È ormai chiaro che ci troviamo davanti a un approccio diffamatorio nei confronti delle ONG che questo è funzionale ad un disegno politico esplicito: deformare la realtà, confondere rispetto ad altri problemi e polarizzare l’opinione pubblica. Il governo Meloni non si fermerà al primo decreto Piantedosi e al braccio di ferro appena concluso a Catania con le navi Geo Barents, Humanity1 e Ocean Viking. Questo sembra essere solo l’antipasto dell’inverno che ci attende. Il presidente del consiglio lo ha detto chiaramente: “gli italiani ci hanno votato per mettere un freno alle navi umanitarie che scaricano i migranti tutti in Italia e questo intendiamo fare”. La lite con la Francia, così come l’asse del Sud con Cipro, Malta e Grecia, dimostra che il governo si sta muovendo e non sembra interessato a fare passi indietro.
Secondo quanto scrive l’Ansa, infatti, l’esecutivo italiano starebbe preparando una nuova stretta sulle organizzazioni umanitarie. I “nuovi provvedimenti”, che la Meloni ha già annunciato, dovrebbero permettere alle autorità portuali e al Viminale di somministrare multe e disporre sequestri per le imbarcazioni delle Ong.
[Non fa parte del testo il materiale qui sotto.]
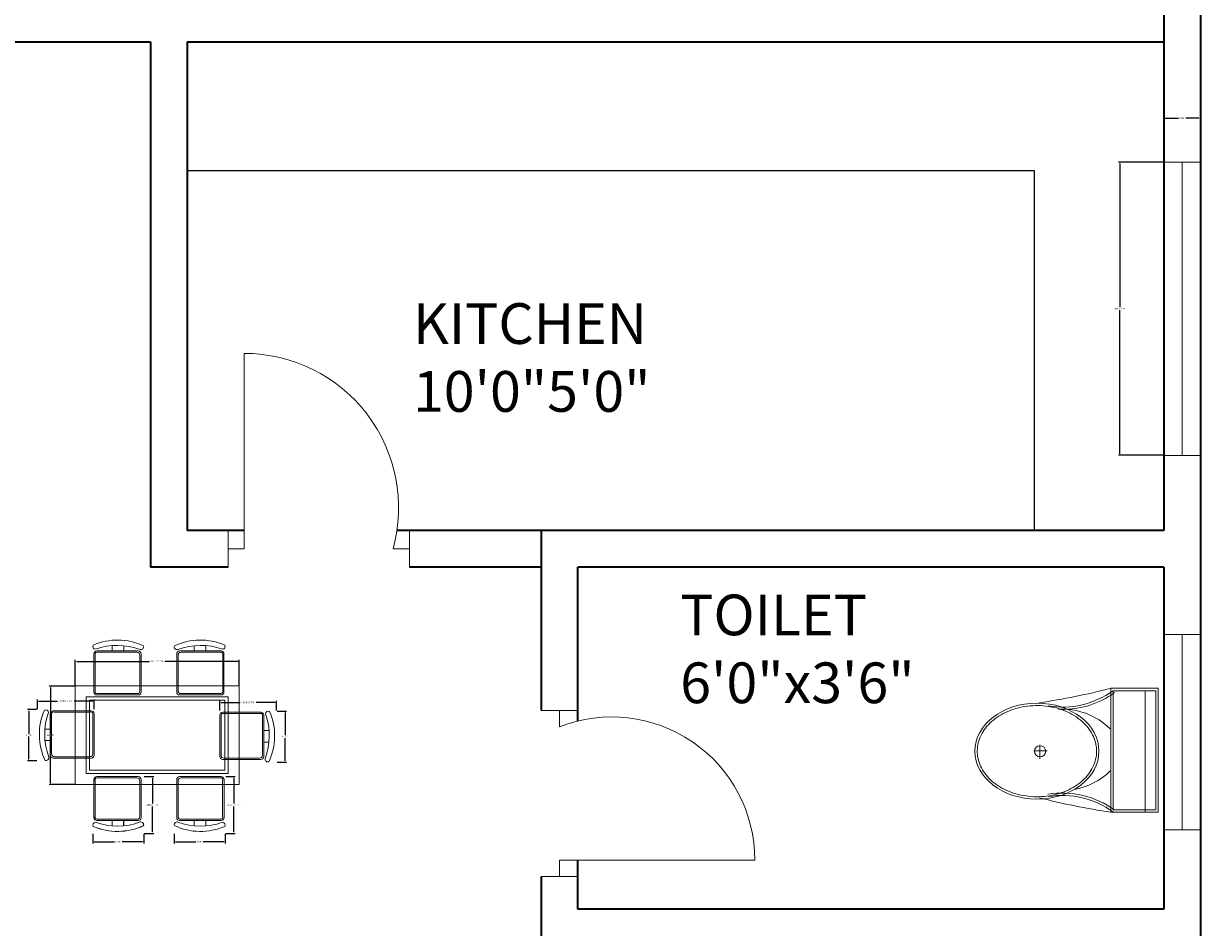
# Model space of a CAD drawing. Units: inches. Extents: x 2234 to 3001, y 1541 to 2386.
# Tile 9 of 12: x 2744 to 2888, y 1891 to 2002. Entities that reach past the tile are written whole.
import ezdxf

# ---------------------------------------------------------------- set-up
doc = ezdxf.new("R2010")
doc.units = ezdxf.units.IN
for name, color, linetype, lineweight in [('A-ANNO-DIMS', 2, 'Continuous', 18), ('A-AREA-IDEN', 7, 'Continuous', 18), ('A-DOOR', 3, 'Continuous', 18), ('A-FLOR-CASE', 8, 'Continuous', 25), ('A-FLOR-FIXT', 9, 'Continuous', 18), ('A-FURN', 9, 'Continuous', 13), ('A-GLAZ', 4, 'Continuous', 18), ('A-WALL', 7, 'Continuous', 35)]:
    doc.layers.add(name, color=color, linetype=linetype, lineweight=lineweight)
doc.styles.get("Standard").update_dxf_attribs({"font": 'arial.ttf'})
doc.dimstyles.get("Standard").update_dxf_attribs({"dimtxt": 0.18, "dimasz": 0.18, "dimexe": 0.18, "dimexo": 0.0625, "dimgap": 0.09, "dimtad": 0, "dimtih": 1, "dimtoh": 1, "dimdec": 4, "dimzin": 0, "dimdsep": 46, "dimtxsty": 'Standard', "dimcen": 0.09, "dimadec": 0, "dimazin": 0, "dimtfac": 1, "dimtdec": 4, "dimtofl": 0, "dimtmove": 0, "dimatfit": 3, "dimfxl": 1, "dimtolj": 1, "dimtzin": 0, "dimarcsym": 0})

# ---------------------------------------------------------------- blocks, each defined once
blk = doc.blocks.new('A$C31115884')
for p, q in [((283.1, 497.7), (223.4, 497.7)), ((257.5, 466.4), (257.5, 523.2)), ((0, 200), (0, 0)), ((520, 200), (0, 200)), ((520, 0), (520, 200)), ((10, 190), (10, 10)), ((510, 190), (10, 190)), ((510, 10), (510, 190)), ((510, 54.5), (0, 54.5)), ((10, 10), (510, 10)), ((0, 0), (520, 0))]:
    blk.add_line(p, q)
blk.add_circle((255.6, 496.4), 23.6)
for centre, radius, start, end in [((2777.7, -204.6), 2807, 165.4549, 171.7133), ((3237, 905), 2807, 188.2867, 194.5451), ((-294.5, 403.3), 364.7, 324.2091, 9.3499), ((-294.5, 403.3), 374.7, 324.2091, 9.3499), ((805.8, 403.3), 364.7, 170.6501, 215.7909), ((139.5, 406.2), 293.5, 315.8436, 2.6563), ((805.8, 403.3), 374.7, 179.2036, 215.7909), ((383.6, 406.2), 293.5, 190.2774, 224.1564)]:
    blk.add_arc(centre, radius, start, end)
blk.add_ellipse((256.2, 509.9), major_axis=(0, -260.7), ratio=0.772727)
blk.add_open_spline([(256.2, 259.2), (263.1, 259.2), (270, 259.7), (287.8, 262.3), (298.7, 265.1), (319.9, 273.1), (330.2, 278.4), (350.1, 291.1), (359.7, 298.7), (377.7, 315.9), (386.2, 325.5), (401.7, 346.6), (408.8, 358.1), (421.3, 382.5), (426.8, 395.5), (435.9, 422.4), (439.5, 436.4), (444.8, 465.1), (446.5, 479.7), (447.9, 509.2), (447.6, 524), (445, 553.3), (442.7, 567.8), (436.3, 596), (432.1, 609.7), (421.9, 636), (416, 648.6), (402.5, 672.1), (395, 683), (378.6, 703), (369.8, 712.1), (351.1, 728), (341.3, 734.8), (320.9, 746.2), (310.4, 750.7), (288.9, 757.3), (278, 759.4), (256, 761), (245, 760.6), (223.1, 757.2), (212.3, 754.3), (191.1, 746.1), (180.8, 740.7), (160.9, 727.8), (151.4, 720.1), (133.5, 702.7), (125.1, 693), (109.6, 671.7), (102.6, 660.2), (90.2, 635.7), (84.9, 622.7), (76, 595.6), (72.4, 581.6), (67.2, 552.9), (65.6, 538.2), (64.4, 508.8), (64.8, 494), (67.5, 464.7), (69.9, 450.2), (76.6, 422), (80.8, 408.3), (91.1, 382.2), (97.2, 369.7), (110.8, 346.3), (118.4, 335.4), (134.8, 315.6), (143.7, 306.7), (162.4, 290.9), (172.3, 284.2), (192.8, 273), (203.3, 268.6), (224.8, 262.2), (235.8, 260.2), (249.9, 259.3), (253, 259.2), (256.2, 259.2)], degree=3, knots=[0, 0, 0, 0, 0.110105, 0.110105, 0.285049, 0.285049, 0.459994, 0.459994, 0.634938, 0.634938, 0.809882, 0.809882, 0.984827, 0.984827, 1.159771, 1.159771, 1.334715, 1.334715, 1.50966, 1.50966, 1.684604, 1.684604, 1.859549, 1.859549, 2.034493, 2.034493, 2.209437, 2.209437, 2.384382, 2.384382, 2.559326, 2.559326, 2.73427, 2.73427, 2.909215, 2.909215, 3.084159, 3.084159, 3.259103, 3.259103, 3.434048, 3.434048, 3.608992, 3.608992, 3.783936, 3.783936, 3.958881, 3.958881, 4.133825, 4.133825, 4.30877, 4.30877, 4.483714, 4.483714, 4.658658, 4.658658, 4.833603, 4.833603, 5.008547, 5.008547, 5.183491, 5.183491, 5.358436, 5.358436, 5.53338, 5.53338, 5.708324, 5.708324, 5.883269, 5.883269, 6.058213, 6.058213, 6.233158, 6.233158, 6.283185, 6.283185, 6.283185, 6.283185])
blk = doc.blocks.new('TABLE-DINING-RECT')
for points in [[(0, 12.09), (20.14, 12.09), (20.14, 0), (0, 0)], [(0, 12.09), (20.14, 12.09), (20.14, 0), (0, 0)], [(1.34, 10.74), (18.8, 10.74), (18.8, 1.34), (1.34, 1.34)], [(1.34, 10.74), (18.8, 10.74), (18.8, 1.34), (1.34, 1.34)], [(1.75, 10.34), (18.4, 10.34), (18.4, 1.75), (1.75, 1.75)], [(1.75, 10.34), (18.4, 10.34), (18.4, 1.75), (1.75, 1.75)]]:
    blk.add_lwpolyline(points, close=True)
blk = doc.blocks.new('CHAIR-DINING-A')
for points in [[(5.76, 1.34, 0.414214), (6.12, 1.7), (6.12, 6.38, 0.414214), (5.76, 6.74), (0.67, 6.74, 0.414214), (0.31, 6.38), (0.31, 1.7, 0.414214), (0.67, 1.34), (5.76, 1.34)], [(5.76, 1.34, 0.414214), (6.12, 1.7), (6.12, 6.38, 0.414214), (5.76, 6.74), (0.67, 6.74, 0.414214), (0.31, 6.38), (0.31, 1.7, 0.414214), (0.67, 1.34), (5.76, 1.34)], [(5.92, 1.12, -0.175809), (0.43, 1.16, 0.578392), (0.02, 0.71, 0.214524), (6.21, 0.62, 0.552014), (5.92, 1.12, -0.065079)], [(5.92, 1.12, -0.175809), (0.43, 1.16, 0.578392), (0.02, 0.71, 0.214524), (6.21, 0.62, 0.552014), (5.92, 1.12, -0.065079)], [(2.45, 1.34), (2.45, 0.7, -0.064759)], [(2.45, 1.34), (2.45, 0.7, -0.064759)]]:
    blk.add_lwpolyline(points, format="xyb")
blk.add_lwpolyline([(5.76, 1.5), (0.83, 1.5, -0.414214), (0.47, 1.86), (0.47, 6.22, -0.414214), (0.83, 6.58), (5.76, 6.58, -0.512069), (5.95, 6.22), (5.95, 1.86, -0.512069)], format="xyb", close=True)
blk.add_lwpolyline([(5.76, 1.5), (0.83, 1.5, -0.414214), (0.47, 1.86), (0.47, 6.22, -0.414214), (0.83, 6.58), (5.76, 6.58, -0.512069), (5.95, 6.22), (5.95, 1.86, -0.512069)], format="xyb", close=True)
blk.add_lwpolyline([(3.88, 0.69), (3.88, 1.34)])
blk.add_lwpolyline([(3.88, 0.69), (3.88, 1.34)])
blk = doc.blocks.new('CHAIR-DINING-B')
for points in [[(5.76, 1.34, 0.414214), (6.12, 1.7), (6.12, 6.38, 0.414214), (5.76, 6.74), (0.67, 6.74, 0.414214), (0.31, 6.38), (0.31, 1.7, 0.414214), (0.67, 1.34), (5.76, 1.34)], [(5.76, 1.34, 0.414214), (6.12, 1.7), (6.12, 6.38, 0.414214), (5.76, 6.74), (0.67, 6.74, 0.414214), (0.31, 6.38), (0.31, 1.7, 0.414214), (0.67, 1.34), (5.76, 1.34)], [(5.92, 1.12, -0.175809), (0.43, 1.16, 0.578392), (0.02, 0.71, 0.214524), (6.21, 0.62, 0.552014), (5.92, 1.12, -0.065079)], [(5.92, 1.12, -0.175809), (0.43, 1.16, 0.578392), (0.02, 0.71, 0.214524), (6.21, 0.62, 0.552014), (5.92, 1.12, -0.065079)], [(2.45, 1.34), (2.45, 0.7, -0.064759)], [(2.45, 1.34), (2.45, 0.7, -0.064759)]]:
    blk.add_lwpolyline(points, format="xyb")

Organizzazioni che nel frattempo si stanno riorganizzando per tornare in mare alla luce di queste nuove disposizioni. La Geo Barents di Msf, dopo lo sbarco a Catania, sta riprendendo il largo. La Humanity1 farà altrettanto. L’Ocean Viking sta finendo i preparativi a Marsiglia e presto tornerà nel Mediterraneo centrale. A queste si aggiungono la Nadir della tedesca Resq ship, la Open Arms di Oscar Camps e la Sea Watch 5 delle chiese tedesche. Un’intera flotta pronta a sfidare la chiusura dei porti italiani. Senza contare che anche Emergency sta per varare una sua imbarcazione, Life Support, già pronta nel porto di Genova e che in banchina ci sono anche la Sea Watch 3 (bloccata da un fermo amministrativo disposto dalla ministra Lamorgese) e la Mare Jonio di Mediterranea.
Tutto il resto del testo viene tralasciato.